Study finds demand for Manchester-Concord public transit
MANCHESTER — A study of public transit potential between the downtowns of Concord and Manchester is nearly finalized, and the preliminary report recommends refinement or enhancement of a pilot service now in place.
A draft of the report concludes it would be efficient and cost-effective, with fare revenue possibly paying for more than half of the cost of the service.
The study by Steadman Hill Consulting is for the Central NH Regional Planning Commission and Southern NH Planning Commission, in partnership with New Hampshire Department of Transportation.
The regional planning commissions are in the process of finalizing the report. It will be submitted to the DOT by the end of March, and the DOT will review it and consider options and potential funding scenarios.
The study was effectively launched in tandem with a one-year pilot service that began July 1, 2013, which helped gauge demand. Ridership continues to increase on the Manchester Transit Authority's Route 4 "Concord Express," according to the report. The route has stops in Concord at the Stickney Avenue Transportation Center and the State House. It now includes a few Saturday trips. A $4 day pass is required.
There now exists seven trips per day between the downtowns of Concord and Manchester. An "enhanced" commuter service would involve 13 trips. As it is a draft report, the recommendations may be modified before being submitted to the DOT.

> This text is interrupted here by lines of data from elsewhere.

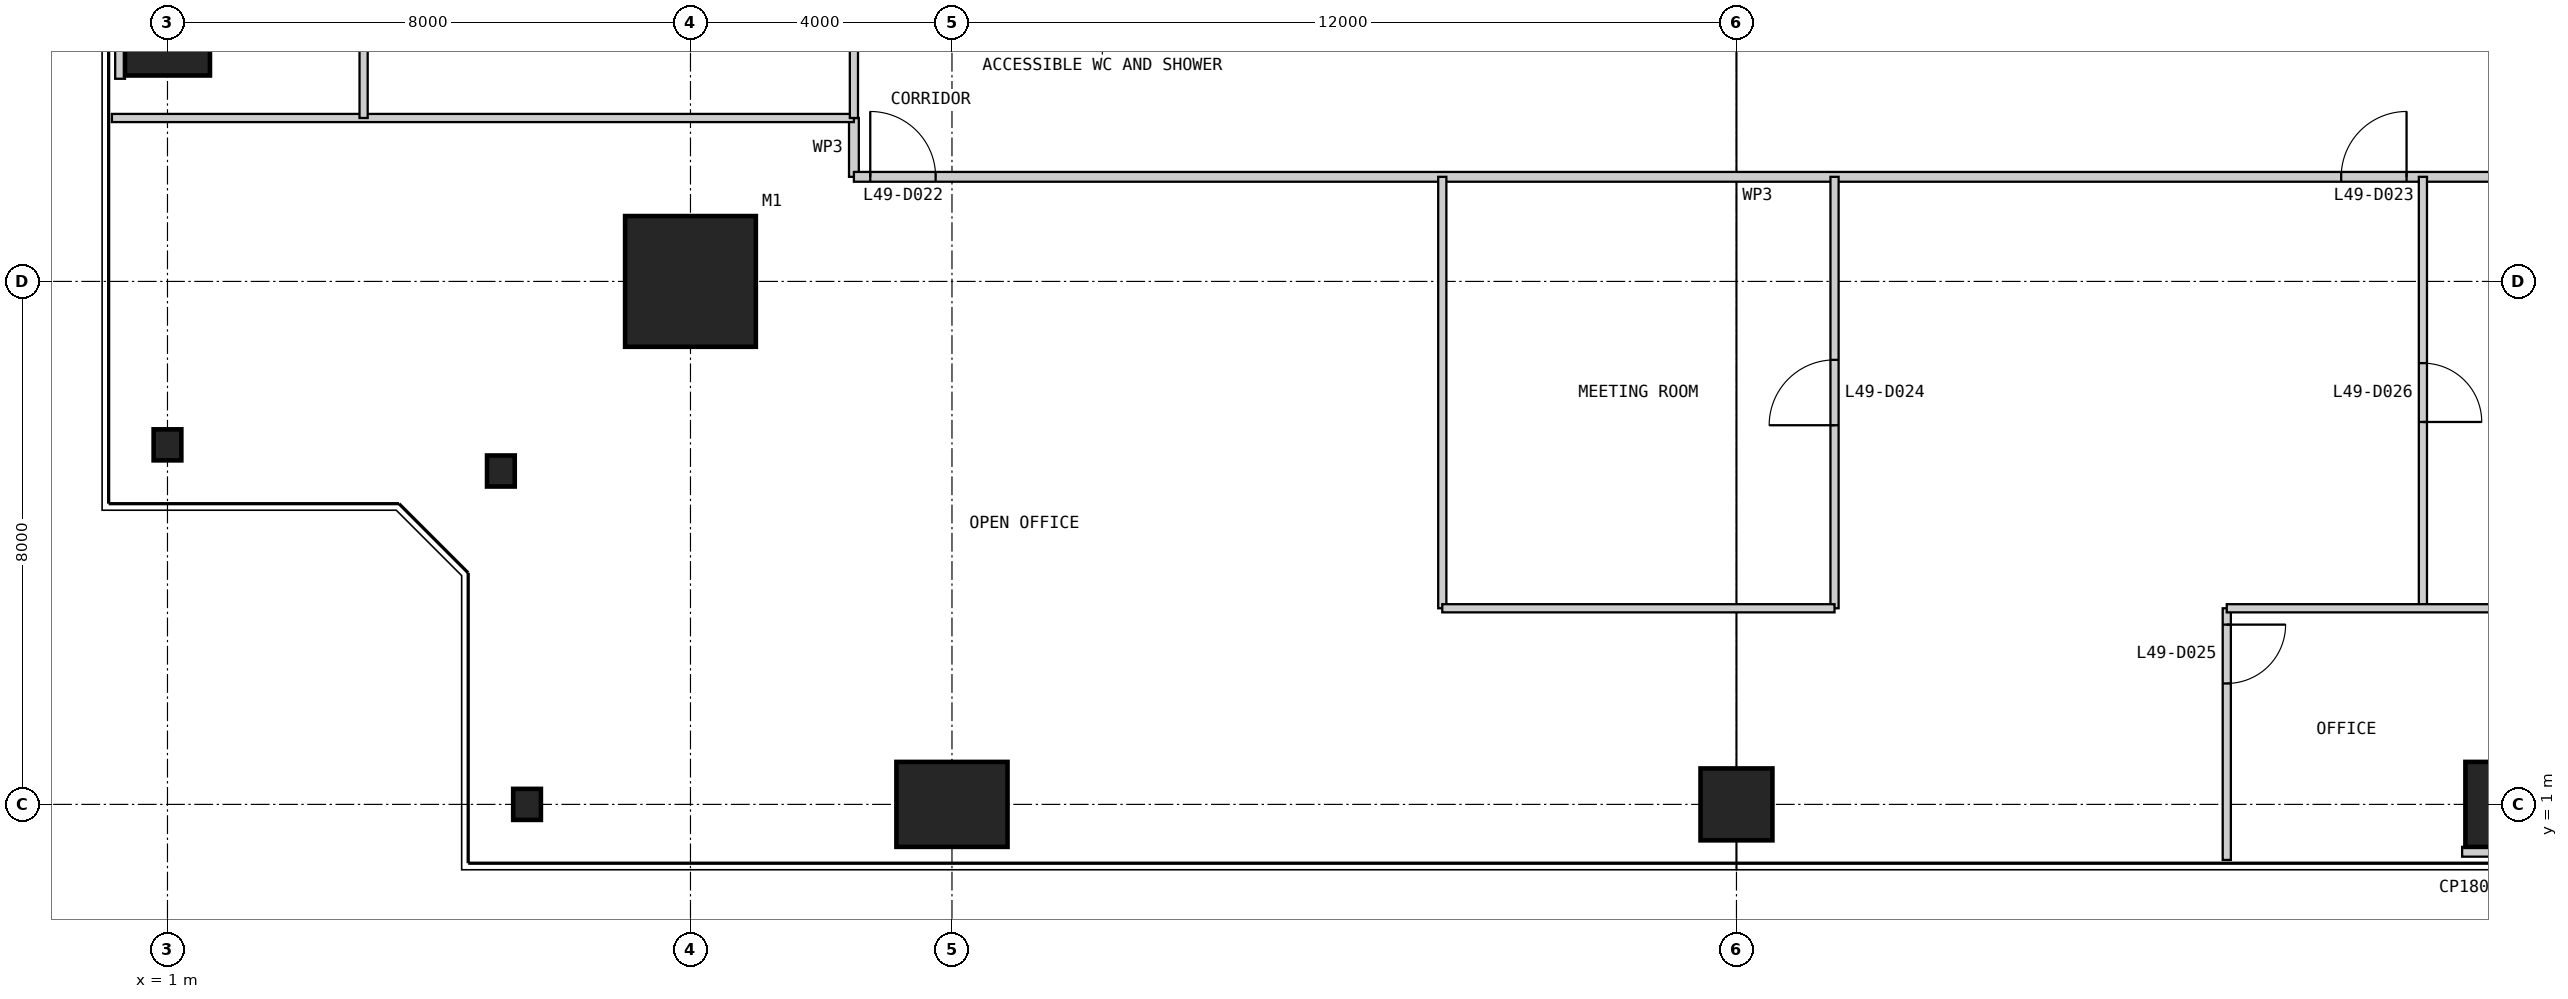
"""IFC4 building model, lengths in metres.
Left out: names, types, materials, properties, quantities, classifications, styles, units other than length and angle.
Written with IfcOpenShell. Run it as: python <this file> out.ifc"""

import sys

from ifc_helpers import new_model, si_unit, direction, frame, frame_2d, origin, origin_2d, place, context, subcontext, project, spatial, rectangle, i_section, extrude, element, fill, save


model = new_model("IFC4")
c1 = context("Model", 3, precision=1e-05, world=origin(), true_north=direction((0.0, 1.0)))
c2 = subcontext(c1, "Body", "Model", "MODEL_VIEW")
j1 = project(units=[si_unit("LENGTHUNIT", "METRE"), si_unit("PLANEANGLEUNIT", "RADIAN")], contexts=[c1])
p1 = place(None, origin())
s1 = spatial("IfcSite", under=j1, at=p1, CompositionType="ELEMENT")
p2 = place(p1, origin())
s2 = spatial("IfcBuilding", under=s1, at=p2, CompositionType="ELEMENT")
p3 = place(p2, frame((0.0, 0.0, 209.8)))
s3 = spatial("IfcBuildingStorey", under=s2, at=p3, CompositionType="ELEMENT", Elevation=209.8)
p4 = place(p3, frame((9.0, 9.0, 0.0), z_axis=(0.0, 0.0, 1.0), x_axis=(1.0, 0.0, 0.0)))
e1 = element("IfcColumn", 1, at=p4, inside=s3, PredefinedType="COLUMN", context=c2, shape_type="SweptSolid", body=[
    extrude(rectangle(XDim=2.0, YDim=2.0, at=origin_2d()), origin(), (0.0, 0.0, 1.0), 4.0),
])
p5 = place(p3, frame((6.5, 1.0, 0.0), z_axis=(0.0, 0.0, 1.0), x_axis=(1.0, 0.0, 0.0)))
e2 = element("IfcColumn", 2, at=p5, inside=s3, PredefinedType="COLUMN", context=c2, shape_type="SweptSolid", body=[
    extrude(i_section(OverallWidth=0.424, OverallDepth=0.475, WebThickness=0.048, FlangeThickness=0.077, at=origin_2d()), origin(), (0.0, 0.0, 1.0), 4.0),
])
p6 = place(p3, frame((13.0, 1.0, 0.0), z_axis=(0.0, 0.0, 1.0), x_axis=(1.0, 0.0, 0.0)))
e3 = element("IfcColumn", 3, at=p6, inside=s3, PredefinedType="COLUMN", context=c2, shape_type="SweptSolid", body=[
    extrude(rectangle(XDim=1.7, YDim=1.3, at=origin_2d()), origin(), (0.0, 0.0, 1.0), 4.0),
])
p7 = place(p3, frame((25.0, 1.0, 0.0), z_axis=(0.0, 0.0, 1.0), x_axis=(1.0, 0.0, 0.0)))
e4 = element("IfcColumn", 4, at=p7, inside=s3, PredefinedType="COLUMN", context=c2, shape_type="SweptSolid", body=[
    extrude(rectangle(XDim=1.1, YDim=1.1, at=origin_2d()), origin(), (0.0, 0.0, 1.0), 4.0),
])
p8 = place(p3, frame((37.0, 1.0, 0.0), z_axis=(0.0, 0.0, 1.0), x_axis=(1.0, 0.0, 0.0)))
e5 = element("IfcColumn", 5, at=p8, inside=s3, PredefinedType="COLUMN", context=c2, shape_type="SweptSolid", body=[
    extrude(rectangle(XDim=1.7, YDim=1.3, at=origin_2d()), origin(), (0.0, 0.0, 1.0), 4.0),
])
p9 = place(p3, frame((1.0, 13.0, 0.0), z_axis=(0.0, 0.0, 1.0), x_axis=(1.0, 0.0, 0.0)))
e6 = element("IfcColumn", 6, at=p9, inside=s3, PredefinedType="COLUMN", context=c2, shape_type="SweptSolid", body=[
    extrude(rectangle(XDim=1.3, YDim=1.7, at=origin_2d()), origin(), (0.0, 0.0, 1.0), 4.0),
])
for number, where, z_axis, x_axis in (
    (7, (1.0, 6.5, 0.0), (0.0, 0.0, 1.0), (1.0, 0.0, 0.0)),
    (8, (6.1, 6.1, 0.0), (0.0, 0.0, 1.0), (1.0, 0.0, 0.0)),
):
    element("IfcColumn", number, at=place(p3, frame(where, z_axis=z_axis, x_axis=x_axis)), inside=s3, PredefinedType="COLUMN", context=c2, shape_type="SweptSolid", body=[
        extrude(i_section(OverallWidth=0.424, OverallDepth=0.475, WebThickness=0.048, FlangeThickness=0.077, at=origin_2d()), origin(), (0.0, 0.0, 1.0), 4.0),
    ])
p10 = place(p3, frame((11.5, 11.5, 0.0), z_axis=(0.0, 0.0, 1.0), x_axis=(0.0, -1.0, 0.0)))
e9 = element("IfcWall", 9, at=p10, inside=s3, PredefinedType="PARTITIONING", context=c2, shape_type="SweptSolid", body=[
    extrude(rectangle(XDim=0.9, YDim=0.15, at=frame_2d((0.45, 0.0))), origin(), (0.0, 0.0, 1.0), 3.85),
])
p11 = place(p3, frame((11.5, 10.6, 0.0), z_axis=(0.0, 0.0, 1.0), x_axis=(1.0, 0.0, 0.0)))
e10 = element("IfcWall", 10, at=p11, inside=s3, PredefinedType="PARTITIONING", context=c2, shape_type="SweptSolid", body=[
    extrude(rectangle(XDim=27.0, YDim=0.15, at=frame_2d((13.5, 0.0))), origin(), (0.0, 0.0, 1.0), 3.85),
])
p12 = place(p11, frame((0.25, 0.0, 0.0)))
e11 = element("IfcOpeningElement", 11, at=p12, cuts=e10, PredefinedType="OPENING", context=c2, shape_type="SweptSolid", body=[
    extrude(rectangle(XDim=1.0, YDim=2.2, at=frame_2d((0.5, 1.1))), frame((0.0, 0.085, 0.0), z_axis=(0.0, -1.0, 0.0), x_axis=(1.0, 0.0, 0.0)), (0.0, 0.0, 1.0), 0.17),
])
p13 = place(p11, frame((22.75, 0.0, 0.0)))
e12 = element("IfcOpeningElement", 12, at=p13, cuts=e10, PredefinedType="OPENING", context=c2, shape_type="SweptSolid", body=[
    extrude(rectangle(XDim=1.0, YDim=2.2, at=frame_2d((0.5, 1.1))), frame((0.0, 0.085, 0.0), z_axis=(0.0, -1.0, 0.0), x_axis=(1.0, 0.0, 0.0)), (0.0, 0.0, 1.0), 0.17),
])
p14 = place(p3, frame((0.15, 11.5, 0.0), z_axis=(0.0, 0.0, 1.0), x_axis=(1.0, 0.0, 0.0)))
e13 = element("IfcWall", 13, at=p14, inside=s3, PredefinedType="PARTITIONING", context=c2, shape_type="SweptSolid", body=[
    extrude(rectangle(XDim=11.35, YDim=0.125, at=frame_2d((5.675, 0.0))), origin(), (0.0, 0.0, 1.0), 3.85),
])
p15 = place(p3, frame((20.5, 4.0, 0.0), z_axis=(0.0, 0.0, 1.0), x_axis=(0.0, 1.0, 0.0)))
e14 = element("IfcWall", 14, at=p15, inside=s3, PredefinedType="PARTITIONING", context=c2, shape_type="SweptSolid", body=[
    extrude(rectangle(XDim=6.6, YDim=0.125, at=frame_2d((3.3, 0.0))), origin(), (0.0, 0.0, 1.0), 3.85),
])
p16 = place(p3, frame((26.5, 4.0, 0.0), z_axis=(0.0, 0.0, 1.0), x_axis=(0.0, 1.0, 0.0)))
e15 = element("IfcWall", 15, at=p16, inside=s3, PredefinedType="PARTITIONING", context=c2, shape_type="SweptSolid", body=[
    extrude(rectangle(XDim=6.6, YDim=0.125, at=frame_2d((3.3, 0.0))), origin(), (0.0, 0.0, 1.0), 3.85),
])
p17 = place(p16, frame((2.8, 0.0, 0.0)))
e16 = element("IfcOpeningElement", 16, at=p17, cuts=e15, PredefinedType="OPENING", context=c2, shape_type="SweptSolid", body=[
    extrude(rectangle(XDim=1.0, YDim=2.2, at=frame_2d((0.5, 1.1))), frame((0.0, 0.073, 0.0), z_axis=(0.0, -1.0, 0.0), x_axis=(1.0, 0.0, 0.0)), (0.0, 0.0, 1.0), 0.145),
])
p18 = place(p3, frame((32.5, 0.15, 0.0), z_axis=(0.0, 0.0, 1.0), x_axis=(0.0, 1.0, 0.0)))
e17 = element("IfcWall", 17, at=p18, inside=s3, PredefinedType="PARTITIONING", context=c2, shape_type="SweptSolid", body=[
    extrude(rectangle(XDim=3.85, YDim=0.125, at=frame_2d((1.925, 0.0))), origin(), (0.0, 0.0, 1.0), 3.85),
])
p19 = place(p18, frame((2.7, 0.0, 0.0)))
e18 = element("IfcOpeningElement", 18, at=p19, cuts=e17, PredefinedType="OPENING", context=c2, shape_type="SweptSolid", body=[
    extrude(rectangle(XDim=0.9, YDim=2.2, at=frame_2d((0.45, 1.1))), frame((0.0, 0.073, 0.0), z_axis=(0.0, -1.0, 0.0), x_axis=(1.0, 0.0, 0.0)), (0.0, 0.0, 1.0), 0.145),
])
p20 = place(p3, frame((35.5, 4.0, 0.0), z_axis=(0.0, 0.0, 1.0), x_axis=(0.0, 1.0, 0.0)))
e19 = element("IfcWall", 19, at=p20, inside=s3, PredefinedType="PARTITIONING", context=c2, shape_type="SweptSolid", body=[
    extrude(rectangle(XDim=6.6, YDim=0.125, at=frame_2d((3.3, 0.0))), origin(), (0.0, 0.0, 1.0), 3.85),
])
p21 = place(p20, frame((2.85, 0.0, 0.0)))
e20 = element("IfcOpeningElement", 20, at=p21, cuts=e19, PredefinedType="OPENING", context=c2, shape_type="SweptSolid", body=[
    extrude(rectangle(XDim=0.9, YDim=2.2, at=frame_2d((0.45, 1.1))), frame((0.0, 0.073, 0.0), z_axis=(0.0, -1.0, 0.0), x_axis=(1.0, 0.0, 0.0)), (0.0, 0.0, 1.0), 0.145),
])
for number, where, z_axis, x_axis in (
    (21, (20.5, 4.0, 0.0), (0.0, 0.0, 1.0), (1.0, 0.0, 0.0)),
    (22, (32.5, 4.0, 0.0), (0.0, 0.0, 1.0), (1.0, 0.0, 0.0)),
):
    element("IfcWall", number, at=place(p3, frame(where, z_axis=z_axis, x_axis=x_axis)), inside=s3, PredefinedType="PARTITIONING", context=c2, shape_type="SweptSolid", body=[
        extrude(rectangle(XDim=6.0, YDim=0.125, at=frame_2d((3.0, 0.0))), origin(), (0.0, 0.0, 1.0), 3.85),
    ])
p22 = place(p3, frame((4.0, 17.5, 0.0), z_axis=(0.0, 0.0, 1.0), x_axis=(0.0, -1.0, 0.0)))
e23 = element("IfcWall", 23, at=p22, inside=s3, PredefinedType="PARTITIONING", context=c2, shape_type="SweptSolid", body=[
    extrude(rectangle(XDim=6.0, YDim=0.125, at=frame_2d((3.0, 0.0))), origin(), (0.0, 0.0, 1.0), 3.238),
])
p23 = place(p3, frame((11.5, 14.5, 0.0), z_axis=(0.0, 0.0, 1.0), x_axis=(0.0, -1.0, 0.0)))
e24 = element("IfcWall", 24, at=p23, inside=s3, PredefinedType="PARTITIONING", context=c2, shape_type="SweptSolid", body=[
    extrude(rectangle(XDim=3.0, YDim=0.125, at=frame_2d((1.5, 0.0))), origin(), (0.0, 0.0, 1.0), 3.85),
])
for number, where, z_axis, x_axis in (
    (25, (37.0, 0.2, 0.0), (0.0, 0.0, 1.0), (0.0, 1.0, 0.0)),
    (26, (0.2, 13.0, 0.0), (0.0, 0.0, 1.0), (1.0, 0.0, 0.0)),
):
    element("IfcWall", number, at=place(p3, frame(where, z_axis=z_axis, x_axis=x_axis)), inside=s3, PredefinedType="PARTITIONING", context=c2, shape_type="SweptSolid", body=[
        extrude(rectangle(XDim=0.15, YDim=1.8, at=frame_2d((0.075, 0.0))), origin(), (0.0, 0.0, 1.0), 3.85),
    ])
p24 = place(p12, origin())
e27 = element("IfcDoor", 27, at=p24, inside=s3, OperationType="SINGLE_SWING_LEFT", PredefinedType="DOOR", context=c2, shape_type="SweptSolid", body=[
    extrude(rectangle(XDim=1.0, YDim=2.2, at=frame_2d((0.5, 1.1))), frame((0.0, 0.025, 0.0), z_axis=(0.0, -1.0, 0.0), x_axis=(1.0, 0.0, 0.0)), (0.0, 0.0, 1.0), 0.05),
])
fill(e11, e27)
p25 = place(p13, origin())
e28 = element("IfcDoor", 28, at=p25, inside=s3, OperationType="SINGLE_SWING_RIGHT", PredefinedType="DOOR", context=c2, shape_type="SweptSolid", body=[
    extrude(rectangle(XDim=1.0, YDim=2.2, at=frame_2d((0.5, 1.1))), frame((0.0, 0.025, 0.0), z_axis=(0.0, -1.0, 0.0), x_axis=(1.0, 0.0, 0.0)), (0.0, 0.0, 1.0), 0.05),
])
fill(e12, e28)
p26 = place(p17, origin())
e29 = element("IfcDoor", 29, at=p26, inside=s3, OperationType="SINGLE_SWING_LEFT", PredefinedType="DOOR", context=c2, shape_type="SweptSolid", body=[
    extrude(rectangle(XDim=1.0, YDim=2.2, at=frame_2d((0.5, 1.1))), frame((0.0, 0.025, 0.0), z_axis=(0.0, -1.0, 0.0), x_axis=(1.0, 0.0, 0.0)), (0.0, 0.0, 1.0), 0.05),
])
fill(e16, e29)
p27 = place(p19, frame((0.9, 0.0, 0.0), z_axis=(0.0, 0.0, 1.0), x_axis=(-1.0, 0.0, 0.0)))
e30 = element("IfcDoor", 30, at=p27, inside=s3, OperationType="SINGLE_SWING_LEFT", PredefinedType="DOOR", context=c2, shape_type="SweptSolid", body=[
    extrude(rectangle(XDim=0.9, YDim=2.2, at=frame_2d((0.45, 1.1))), frame((0.0, 0.025, 0.0), z_axis=(0.0, -1.0, 0.0), x_axis=(1.0, 0.0, 0.0)), (0.0, 0.0, 1.0), 0.05),
])
fill(e18, e30)
p28 = place(p21, frame((0.9, 0.0, 0.0), z_axis=(0.0, 0.0, 1.0), x_axis=(-1.0, 0.0, 0.0)))
e31 = element("IfcDoor", 31, at=p28, inside=s3, OperationType="SINGLE_SWING_RIGHT", PredefinedType="DOOR", context=c2, shape_type="SweptSolid", body=[
    extrude(rectangle(XDim=0.9, YDim=2.2, at=frame_2d((0.45, 1.1))), frame((0.0, 0.025, 0.0), z_axis=(0.0, -1.0, 0.0), x_axis=(1.0, 0.0, 0.0)), (0.0, 0.0, 1.0), 0.05),
])
fill(e20, e31)
save(model, sys.argv[1])

"There is a need for commuter service between Concord and Manchester," said David Preece, executive director of Southern NH Planning Commission. "The question is how to fund it."
The study estimated gross operating costs for a starter service at $114,070, and $203,911 for enhanced service. That is exclusive of capital costs, such as vehicles.
Both cities have local transit providers, Concord Area Transit and the Manchester Transit Authority. The study initially looked into transit between the cities and Manchester-Boston Regional Airport. The focus turned to service between the two city centers, as riders demonstrated commuter interest. The MTA has a service between downtown Manchester and the airport.
Under one "commuter express" in the study, stops in Concord would include the State House, Stickney Avenue and the Thomson State Complex on Hazen Drive. Manchester stops include Granite Street at the Canal Street for the MTA stops, and Veterans Park in front of the Radisson. Morning commuter service southbound proposes a stop at the Hooksett Park and Ride.
Riders surveyed in the study indicated their interest was not solely because they did not own vehicles. They cited concerns over cost of gas and parking. Priorities cited included access and speed between stops during commuter hours.